Votar, votamos. Algunos botan, otros se proclaman votontos, o botontos, que ya no recuerdo cuál de las dos inventé primero, pero la gran mayoría se limita a ahorrar algo para pagar a una Hacienda insaciable, máquina extractiva de primer orden aunque, realmente, no tengamos ni la más remota idea de cuál es el destino de los dineros que nos sustraen con atraco a mano armada. Aunque alguno de los rumbos sí los conocemos: van a mejorar las condiciones de vida de los vasquitos, de los catalanes y de los etarras que vuelven a casa ebrios de solemnidad y satisfacción, con el pueblo llano afín a sus monstruosidades, aplaudiéndolos como si se tratase de zalacaínes aventureros y no de meros endriagos de cuando los tiempos cavernícolas. Lo de los catalanes, a fuer de esperpento, no deja de ser esquizofrenia. Condecorados sus delitos con el honor de redactar las leyes que los eximen del talego, son el ejemplo más notorio del derrumbe ético de nuestras instituciones de gobierno. El gachó que le pone los cuernos a la bego cuando no está escribiendo redacciones de escuela para declararse hombre enamorado, lo vende a propios y extraños como una herramienta de reconciliación, pero no como lo que es: el pago para seguir mandando, aunque en puridad no mande nada. Algunos lo llaman pragmatismo político, saco donde cabe absolutamente todos los desvaríos de los mediocres (y hay unos cuantos, comenzando por los ministerios y acabando por los despachos ferrazosos), pero la única palabra que se le ajusta como un guante es traición. Aunque, bien pensado, ¿traicionar qué cosa? Eso de los principios fundamentales del Estado de derecho, moneda de cambio cuando no venta al mejor postor, es algo tan melifluo y blando que tampoco pasa nada si acaban junto al retrete para otros propósitos.
Y si la amnistía es pura corrupción política, la corrupción económica es pura absolución de los mediocres que la practican. No es un hecho aislado, y ya es bastante feo que tengamos un gobierno que huele a podredumbre por todas las costuras como para acostumbrarnos al espectáculo circense que tienen montado. Es algo tan grave como la indolencia e incluso la complacencia con que una gran variedad de medios de comunicación tienden a absolver a los encausados y al truño ese que duerme con la bego (si es que lo hace). Cuando una buena parte de la sociedad es capaz de atrincherarse de ese modo por salvaguardar la integridad de una ideología política proyectada en un caradura sin lecturas y sin cartilla, la cuestión es antes metástasis que resfriado. Pero nos venimos acostumbrando a no saber nada de nada, solo aquello que los vientos portan en sus aires, como los casos marroquíes, los casos venezolanos (con el otro imbécil de por medio: joer con los sociatas, vaya prendas eligen para gobernarnos a todos), los casos complutenses, los casos extremeños, los casos de las aerolíneas, los casos de la puta madre que los parió a todos...

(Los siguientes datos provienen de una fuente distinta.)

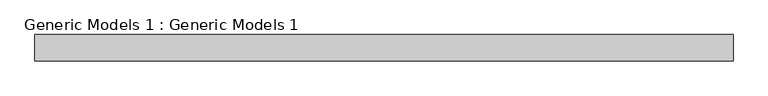
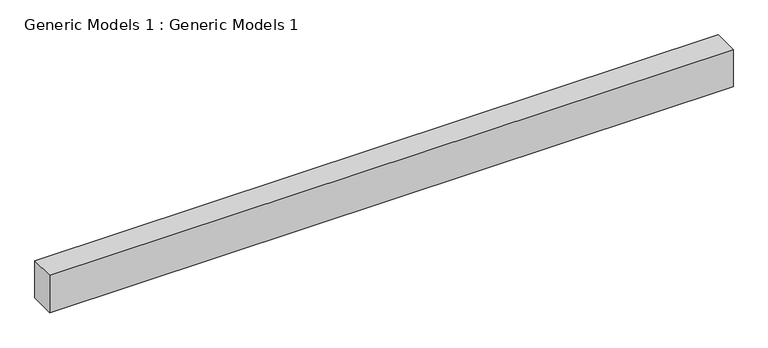
"""IFC4 building model written with IfcOpenShell, lengths in millimetres: proxy geometry, Generic Models 1 : Generic Models 1."""

from ifc_helpers import new_model, si_unit, frame, origin, place, context, project, spatial, polyline, outline, extrude, source, transform, mapped, element, save


def generic_models_1_generic_models_1_ce325797(model_context):
    return source(origin(), model_context, "Body", "SweptSolid", [
        extrude(outline(polyline([(-5171.6277023, -774.0320925), (-11267.6277023, -774.0320925), (-11267.6277023, -545.4320925), (-5171.6277023, -545.4320925), (-5171.6277023, -774.0320925)])), frame((0.0, 0.0, 6400.8), z_axis=(0.0, 0.0, 1.0), x_axis=(1.0, 0.0, 0.0)), (0.0, 0.0, 1.0), 351.4975279),
    ])


if __name__ == "__main__":
    model = new_model("IFC4")
    model_context = context("Model", 3, world=origin())
    ifc_project = project(units=[si_unit("LENGTHUNIT", "METRE", prefix="MILLI")], contexts=[model_context])
    site = spatial("IfcSite", under=ifc_project)
    building = spatial("IfcBuilding", under=site)
    placement = place(None, origin())
    generic_models_1_generic_models_1_shape = generic_models_1_generic_models_1_ce325797(model_context)
    element("IfcBuildingElementProxy", 1, Name="Generic Models 1 : Generic Models 1", ObjectType="Generic Models 1 : Generic Models 1", at=placement, inside=building, context=model_context, shape_type="MappedRepresentation", body=[
        mapped(generic_models_1_generic_models_1_shape, transform((0.0, 0.0, 0.0), x_axis=(1.0, 0.0, 0.0), y_axis=(0.0, 1.0, 0.0), z_axis=(0.0, 0.0, 1.0))),
    ])
    save(model, "model.ifc")

# Revit data of these elements
# Element 1 (IfcBuildingElementProxy, "Generic Models 1 : Generic Models 1")
#   Materials on its faces: "Clad - White"
# Materials
#   "Clad - White": class "Wood", colour RGB 242 242 238, transparency 0, Cost = 0
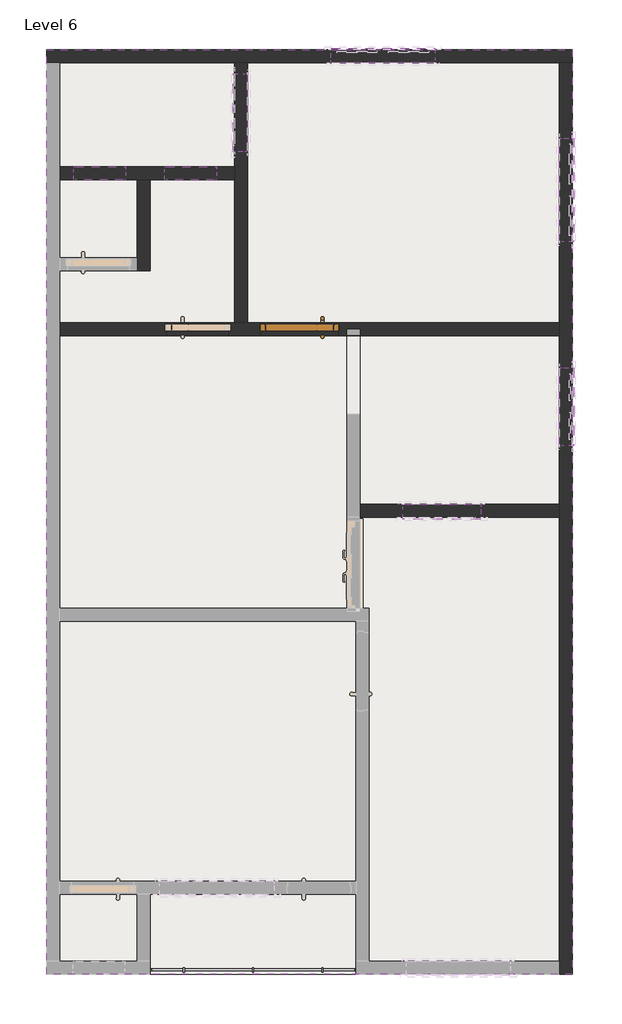
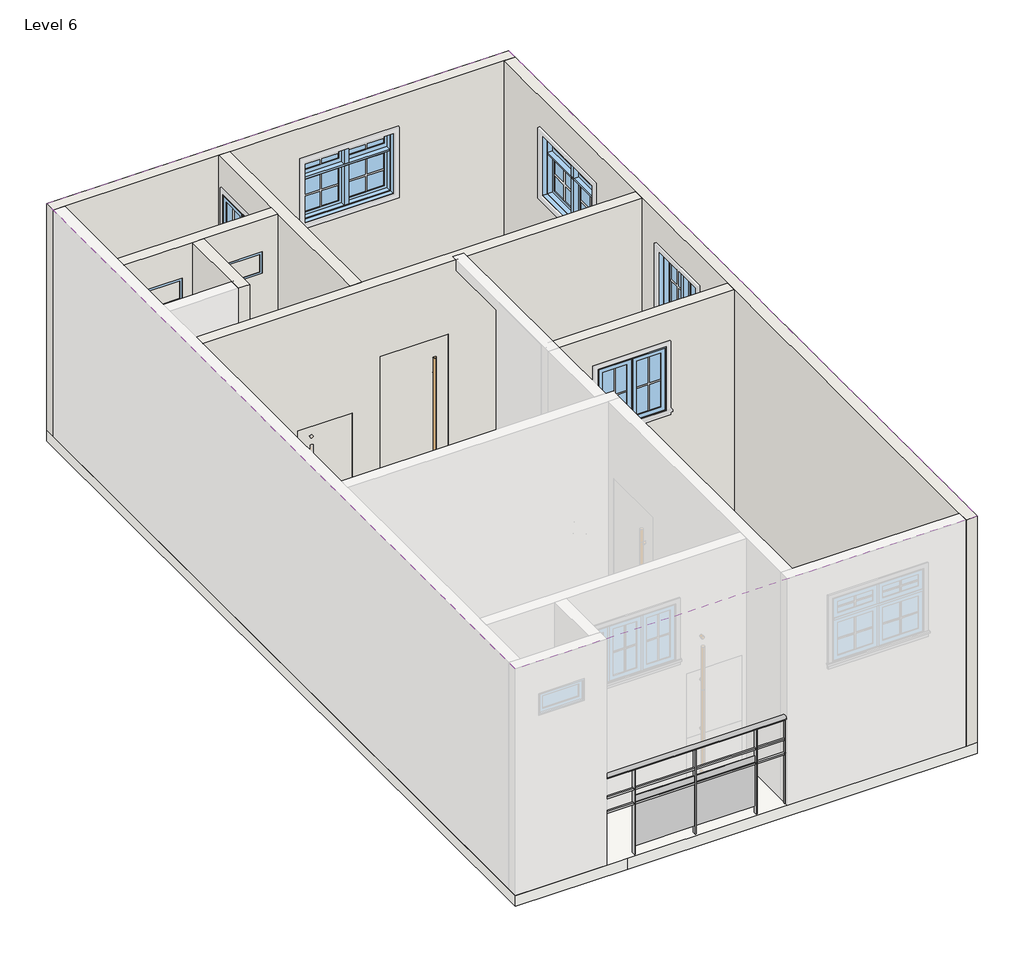
# One storey, part 2 of 3: 22 walls, 13 windows, 2 coverings, 2 railings, 1 door, 1 slab.
"""IFC4 building model written with IfcOpenShell, lengths in millimetres."""

from ifc_helpers import new_model, si_unit, point, frame, origin, place, context, project, spatial, polyline, ellipse_curve, trimmed, outline, extrude, faceted_brep, transform, mapped, element, save
from ifc_brep_helpers import plane_surface, extruded_surface, advanced_brep
from components import door_3_79df91aa, fixed_2_65c13adb, m_window_casement_double_3_e0bd8fa3, m_window_casement_double_awning_double_4_7efa9bbd

model = new_model("IFC4")

# Units and contexts
model_context = context("Model", 3, world=origin())
ifc_project = project(units=[si_unit("LENGTHUNIT", "METRE", prefix="MILLI")], contexts=[model_context])

# Site, building, storey
site = spatial("IfcSite", under=ifc_project)
building = spatial("IfcBuilding", under=site)
storey = spatial("IfcBuildingStorey", under=building, Name="Level 6", Elevation=7010.4)

# Coverings
placement = place(None, origin())
element("IfcCovering", 1, ObjectType="2' x 4' ACT System", at=placement, inside=storey, context=model_context, shape_type="SweptSolid", body=[
    extrude(outline(polyline([(-23811.2963079, -4519.7257947), (-23811.2963079, 6326.0742053), (-17639.0963079, 6326.0742053), (-17639.0963079, -4519.7257947), (-22309.2664727, -4519.7257947), (-23811.2963079, -4519.7257947)])), frame((0.0, 0.0, 10210.8), z_axis=(0.0, 0.0, 1.0), x_axis=(1.0, 0.0, 0.0)), (0.0, 0.0, 1.0), 57.15),
])
element("IfcCovering", 2, ObjectType="2' x 4' ACT System", at=placement, inside=storey, context=model_context, shape_type="SweptSolid", body=[
    extrude(outline(polyline([(-23811.2963079, -4519.7257947), (-23811.2963079, 6326.0742053), (-17639.0963079, 6326.0742053), (-17639.0963079, -4519.7257947), (-22309.2664727, -4519.7257947), (-23811.2963079, -4519.7257947)])), frame((0.0, 0.0, 10210.8), z_axis=(0.0, 0.0, 1.0), x_axis=(1.0, 0.0, 0.0)), (0.0, 0.0, 1.0), 57.15),
])

# Door
door_3_shape = door_3_79df91aa(model_context)
element("IfcDoor", 3, ObjectType="3'", at=placement, inside=storey, context=model_context, shape_type="MappedRepresentation", body=[
    mapped(door_3_shape, transform((-20839.4963079, 3049.4742053, 7010.4), x_axis=(-1.0, 0.0, 0.0), y_axis=(0.0, -1.0, 0.0), z_axis=(0.0, 0.0, 1.0))),
])

# Railings
element("IfcRailing", 4, ObjectType="Glass Panel - Bottom Fill", at=placement, inside=storey, context=model_context, shape_type="SolidModel", body=[
    advanced_brep(
    [(-22592.0963079, -4430.8257947, 8229.6), (-22592.0963079, -4507.0257947, 8229.6), (-20179.0963079, -4430.8257947, 8229.6), (-20179.0963079, -4507.0257947, 8229.6)],
    [
        (0, 1, ellipse_curve(frame((-22592.0963079, -4468.9257947, 8229.6), z_axis=(-1.0, 0.0, 0.0), x_axis=(0.0, -1.0, 0.0)), 38.1, 28.575)),
        (1, 0, ellipse_curve(frame((-22592.0963079, -4468.9257947, 8229.6), z_axis=(-1.0, 0.0, 0.0), x_axis=(0.0, -1.0, 0.0)), 38.1, 28.575)),
        (2, 3, ellipse_curve(frame((-20179.0963079, -4468.9257947, 8229.6), z_axis=(1.0, 0.0, 0.0), x_axis=(0.0, -1.0, 0.0)), 38.1, 28.575)),
        (3, 2, ellipse_curve(frame((-20179.0963079, -4468.9257947, 8229.6), z_axis=(1.0, 0.0, 0.0), x_axis=(0.0, -1.0, 0.0)), 38.1, 28.575)),
        (0, 2),
        (3, 1),
    ],
    [
        plane_surface(frame((-22592.0963079, -4468.9257947, 8229.6), z_axis=(-1.0, 0.0, 0.0), x_axis=(0.0, 1.0, 0.0))),
        plane_surface(frame((-20179.0963079, -4468.9257947, 8229.6), z_axis=(1.0, 0.0, 0.0), x_axis=(0.0, 1.0, 0.0))),
        extruded_surface(trimmed(ellipse_curve(frame((-20179.0963079, -4468.9257947, 8229.6), z_axis=(-1.0, 0.0, 0.0), x_axis=(0.0, -1.0, 0.0)), 38.1, 28.575), [point((-20179.0963079, -4430.8257947, 8229.6))], [point((-20179.0963079, -4507.0257947, 8229.6))], True, "CARTESIAN"), (-2413.0, 0.0, 0.0), 2413.0),
        extruded_surface(trimmed(ellipse_curve(frame((-20179.0963079, -4468.9257947, 8229.6), z_axis=(-1.0, 0.0, 0.0), x_axis=(0.0, -1.0, 0.0)), 38.1, 28.575), [point((-20179.0963079, -4507.0257947, 8229.6))], [point((-20179.0963079, -4430.8257947, 8229.6))], True, "CARTESIAN"), (-2413.0, 0.0, 0.0), 2413.0),
    ],
    [
        (0, [[1, 2]]),
        (1, [[3, 4]]),
        (2, [[-1, 5, -4, 6]]),
        (3, [[-2, -6, -3, -5]]),
    ],
),
    extrude(outline(polyline([(-22592.0963079, -4481.6257947), (-22592.0963079, -4456.2257947), (-20179.0963079, -4456.2257947), (-20179.0963079, -4481.6257947), (-22592.0963079, -4481.6257947)])), frame((0.0, 0.0, 7912.1), z_axis=(0.0, 0.0, 1.0), x_axis=(1.0, 0.0, 0.0)), (0.0, 0.0, 1.0), 25.4),
    extrude(outline(polyline([(-22592.0963079, -4481.6257947), (-22592.0963079, -4456.2257947), (-20179.0963079, -4456.2257947), (-20179.0963079, -4481.6257947), (-22592.0963079, -4481.6257947)])), frame((0.0, 0.0, 7708.9), z_axis=(0.0, 0.0, 1.0), x_axis=(1.0, 0.0, 0.0)), (0.0, 0.0, 1.0), 25.4),
    extrude(outline(polyline([(-20579.1463079, -4494.3257947), (-20579.1463079, -4443.5257947), (-20566.4463079, -4443.5257947), (-20566.4463079, -4494.3257947), (-20579.1463079, -4494.3257947)])), frame((0.0, 0.0, 7010.4), z_axis=(0.0, 0.0, 1.0), x_axis=(1.0, 0.0, 0.0)), (0.0, 0.0, 1.0), 1190.625),
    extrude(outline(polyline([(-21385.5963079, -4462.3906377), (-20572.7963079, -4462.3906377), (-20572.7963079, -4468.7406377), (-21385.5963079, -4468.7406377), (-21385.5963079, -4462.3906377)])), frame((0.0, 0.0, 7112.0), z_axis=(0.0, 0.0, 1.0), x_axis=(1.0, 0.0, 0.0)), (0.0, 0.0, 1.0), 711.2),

Oiga, me dirán mis caros lectores, sea usted serio: no insulte. Entonces elijo seguirles a ustedes la corriente y tratar de dirimir qué ha pasado con los fondos europeos, ese motor sin parangón que se vendió como eximio transformador de la economía española. ¿Verdad que da la risa? O veamos el panorama económico, esa historia de éxito que algunos venden (los gobiernos siempre venden como propios los éxitos advenidos) y que es más falsa que Judas. El crecimiento del PIB, basado en gasto público descontrolado y en deuda que no deja de crecer, es la máxima demostración de egoísmo que pueda concebirse en una sociedad humana. Y no solo egoísmo político: es el mismo egoísmo que las gentes comparten, a quienes no importa los desastres de un futuro (que no han de ver con sus ojos) ni las ruinas a que someterán a los descendientes si nada de todo esto cambia. Muchos lo defienden, y no solo desde el parlamento.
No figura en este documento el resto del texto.